La llamada climatización ganadera no suele ser un aire acondicionado como el de una vivienda. Se basa en mover grandes volúmenes de aire, retirar el calor acumulado y refrescar directamente al animal mediante aspersión o nebulización controlada.

Luis Vizcaíno, gerente de Electrosarria, asegura que el trabajo de climatización de granjas ha crecido un 200 % frente a hace cuatro o cinco años. Según su experiencia, una instalación bien planteada puede rebajar hasta ocho grados la temperatura interior, mientras una nave cerrada y sin circulación de aire puede alcanzar valores muy superiores a los del exterior.

No basta con colocar un ventilador

La ubicación importa tanto como la potencia. El aire debe llegar a las zonas donde las vacas comen, descansan y esperan para el ordeño, porque allí pueden concentrarse muchos animales y acumularse más calor.

También hay que coordinar el agua con la ventilación. Mojar sin renovar el aire puede elevar la humedad, mientras ventilar sin controlar bebederos, sombras y densidad deja parte del problema intacto. Por eso conviene medir temperatura y humedad dentro de la nave, revisar los equipos y vigilar la respiración, el consumo de agua, el tiempo de descanso y la producción diaria.

Las gallinas tampoco escapan

Las aves son especialmente sensibles porque no sudan. Cuando tienen demasiado calor, jadean, beben más, comen menos y pueden sufrir problemas graves si la nave no renueva el aire con rapidez.
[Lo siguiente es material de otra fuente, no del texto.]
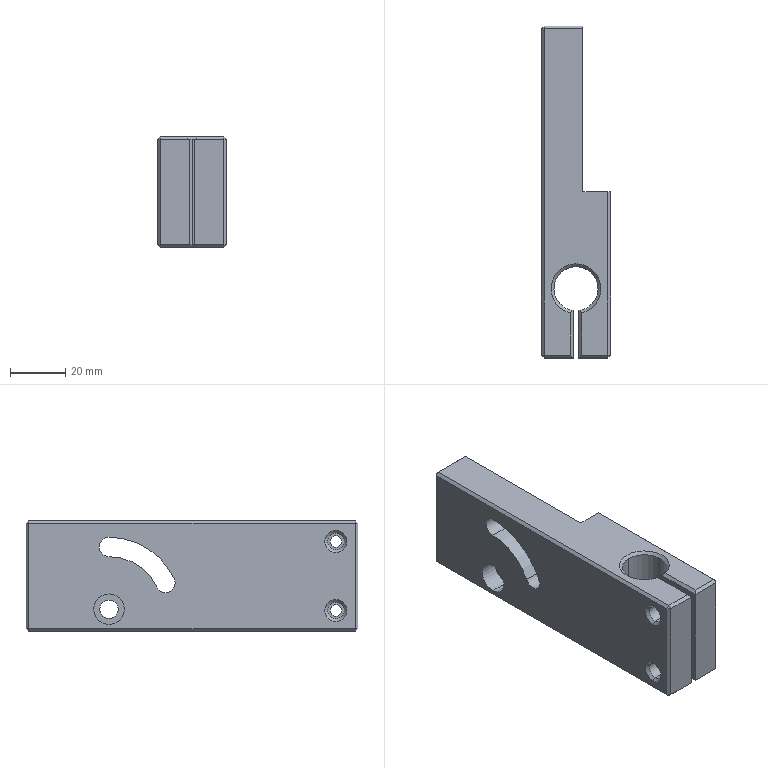Component | SolidWorks | CameraAssembly-1_GuideAxisFixingPlate-1 | 1 solid | 64 faces | box 25 x 120 x 40 mm | volume 81051 mm3 | plane 35 | cylinder 18 | cone 11 | commonest cylinder face diameters 4.2 x4 6 x4 11 x2 6.6 x2 16 x2 7 x2 52 x1 38 x1 | material 1060 Alloy
build123d program:
from build123d import *

# Parameters (mm, degrees)
SKETCH1_W                                          = 120
SKETCH1_H                                          = 25
BOSS_EXTRUDE1_DEPTH                                = 20
SKETCH2_R                                          = 8
CUT_EXTRUDE1_DEPTH                                 = 128.107
SKETCH3_W                                          = 19.536
SKETCH3_H                                          = 2
CUT_EXTRUDE2_DEPTH                                 = 128.107
SKETCH4_R                                          = 3
CUT_EXTRUDE3_DEPTH                                 = 11.5
M5_TAPPED_HOLE1_D                                  = 4.2
CHAMFER1_SIZE                                      = 1
SKETCH7_W                                          = 60
SKETCH7_H                                          = 21.078
CUT_EXTRUDE4_DEPTH                                 = 128.107
HOLE_SIZE_ACCORDING_TO_TYPE_OF_HEXAGON_D           = 6.6
HOLE_SIZE_ACCORDING_TO_TYPE_OF_HEXAGON_CBORE_D     = 11
HOLE_SIZE_ACCORDING_TO_TYPE_OF_HEXAGON_CBORE_DEPTH = 6.8
F_6_5_6_5_DIAMETER_HOLE1_D                         = 6.5
CUT_EXTRUDE5_DEPTH                                 = 125.197


with BuildPart() as part:
    # Sketch1 → Boss-Extrude1 (new, symmetric)
    with BuildSketch(Plane.XY):
        with Locations((60, 0)):
            Rectangle(SKETCH1_W, SKETCH1_H)
    extrude(amount=BOSS_EXTRUDE1_DEPTH, both=True)

    # Sketch2 → Cut-Extrude1 (cut, through all)
    with BuildSketch(Plane.XY.offset(20)):
        with Locations((25, 0)):
            Circle(SKETCH2_R)
    extrude(amount=-CUT_EXTRUDE1_DEPTH, mode=Mode.SUBTRACT)

    # Sketch3 → Cut-Extrude2 (cut, through all)
    with BuildSketch(Plane.XY.offset(20)):
        with Locations((9.768, 0)):
            Rectangle(SKETCH3_W, SKETCH3_H)
    extrude(amount=-CUT_EXTRUDE2_DEPTH, mode=Mode.SUBTRACT)

    # Sketch4 → Cut-Extrude3 (cut)
    with BuildSketch(Plane.XZ.offset(12.5)):
        with Locations(Location((8, 12.5, 0), (0, 0, 270))):
            Circle(SKETCH4_R)
        with Locations(Location((8, -12.5, 0), (0, 0, 270))):
            Circle(SKETCH4_R)
    extrude(amount=-CUT_EXTRUDE3_DEPTH, mode=Mode.SUBTRACT)

    # M5 Tapped Hole1 (through all)
    with Locations(Plane(origin=(0, 1, 0), x_dir=(-1, 0, 0), z_dir=(0, -1, 0))):
        with Locations((-8, 12.5), (-8, -12.5)):
            Hole(M5_TAPPED_HOLE1_D / 2)

    # Chamfer1
    chamfer1_edges = [part.edges().sort_by_distance(p)[0] for p in [
        (120, 0, 20),
        (60, 12.5, 20),
        (25.501, -7.984, -20),
        (25.501, 7.984, 20),
        (0, -6.75, -20),
        (0, -6.75, 20),
        (8.531, 1, -20),
        (8.531, -1, -20),
        (8.531, -1, 20),
        (8.531, 1, 20),
        (0, 6.75, 20),
        (8, -12.5, 15.5),
        (60, 12.5, -20),
        (8, -12.5, -9.5),
        (120, 0, -20),
        (60, -12.5, -20),
        (5.9, 12.5, 12.5),
        (0, 6.75, -20),
        (5.9, 12.5, -12.5),
        (60, -12.5, 20),
        (0, 12.5, 0),
        (120, 12.5, 0),
        (120, -12.5, 0),
        (0, -12.5, 0),
    ]]
    chamfer(chamfer1_edges, length=CHAMFER1_SIZE)

    # Sketch7 → Cut-Extrude4 (cut, through all)
    with BuildSketch(Plane.XY.offset(20)):
        with Locations((90, 13.039)):
            Rectangle(SKETCH7_W, SKETCH7_H)
    extrude(amount=-CUT_EXTRUDE4_DEPTH, mode=Mode.SUBTRACT)

    # Hole Size _according to_ type of Hexagon (through all)
    with Locations(Plane(origin=(0, -12.5, 0), x_dir=(-1, 0, 0), z_dir=(0, -1, 0))):
        with Locations((-90, -12)):
            CounterBoreHole(HOLE_SIZE_ACCORDING_TO_TYPE_OF_HEXAGON_D / 2, HOLE_SIZE_ACCORDING_TO_TYPE_OF_HEXAGON_CBORE_D / 2, HOLE_SIZE_ACCORDING_TO_TYPE_OF_HEXAGON_CBORE_DEPTH)

    # 6.5 _6.5_ Diameter Hole1 (through all)
    with Locations(Plane(origin=(0, -12.5, 0), x_dir=(-1, 0, 0), z_dir=(0, -1, 0))):
        with Locations((-77, 6.364)):
            Hole(F_6_5_6_5_DIAMETER_HOLE1_D / 2)

    # Sketch13 → Cut-Extrude5 (cut, through all)
    with BuildSketch(Plane.XZ.offset(12.5)):
        with BuildLine():
            ThreePointArc((72.78, 3.97), (79.791, -4.024), (90, -7))
            ThreePointArc((90, -7), (93.5, -10.5), (90, -14))
            ThreePointArc((90, -14), (76.03, -9.928), (66.436, 1.012))
            ThreePointArc((66.436, 1.012), (68.129, 5.663), (72.78, 3.97))
        make_face()
    extrude(amount=-CUT_EXTRUDE5_DEPTH, mode=Mode.SUBTRACT)


solid = part.part

# Placed as in the assembly
solid = solid.moved(Location((-119.666, 125.264, -287.5), (180, 0, -90)))

En Galicia ya se están adaptando gallineros con paredes móviles, paneles de entrada y grandes portones de salida para crear una corriente continua. Parece una solución sencilla, pero detrás hay cálculos de caudal, velocidad del aire, humedad y número de animales. No es poca cosa.

La refrigeración ayuda, pero tiene límites

Un amplio estudio reciente analizó más de 320 millones de registros diarios de unas 130 000 vacas durante 12 años. Sus autores calcularon que el calor húmedo extremo podía reducir la producción de leche hasta un 10 % y que el efecto continuaba más de diez días después.

El trabajo también dejó una advertencia. En los días con una temperatura media de bulbo húmedo superior a 24 °C (una medida que combina temperatura y humedad), los sistemas habituales de ventilación y agua compensaron menos del 40 % de las pérdidas. No es una medición realizada en Galicia, pero muestra que enfriar funciona sin borrar por completo el daño.

Una adaptación que ya es estructural

Para una comunidad que concentra buena parte del sector lácteo español, proteger al ganado del calor ya no es un detalle estacional. Significa conservar leche, mejorar el bienestar, reducir problemas reproductivos y evitar que cada ola de calor deje una factura que se alarga durante días.

Los ventiladores, los aspersores y las naves más abiertas son parte de la respuesta, pero necesitan mantenimiento, seguimiento veterinario y avisos meteorológicos útiles. En el fondo, la granja del futuro tendrá que prepararse para el calor antes de que llegue, no cuando las vacas ya hayan dejado de comer. 

El informe oficial ha sido publicado en el repositorio de conocimiento de la FAO.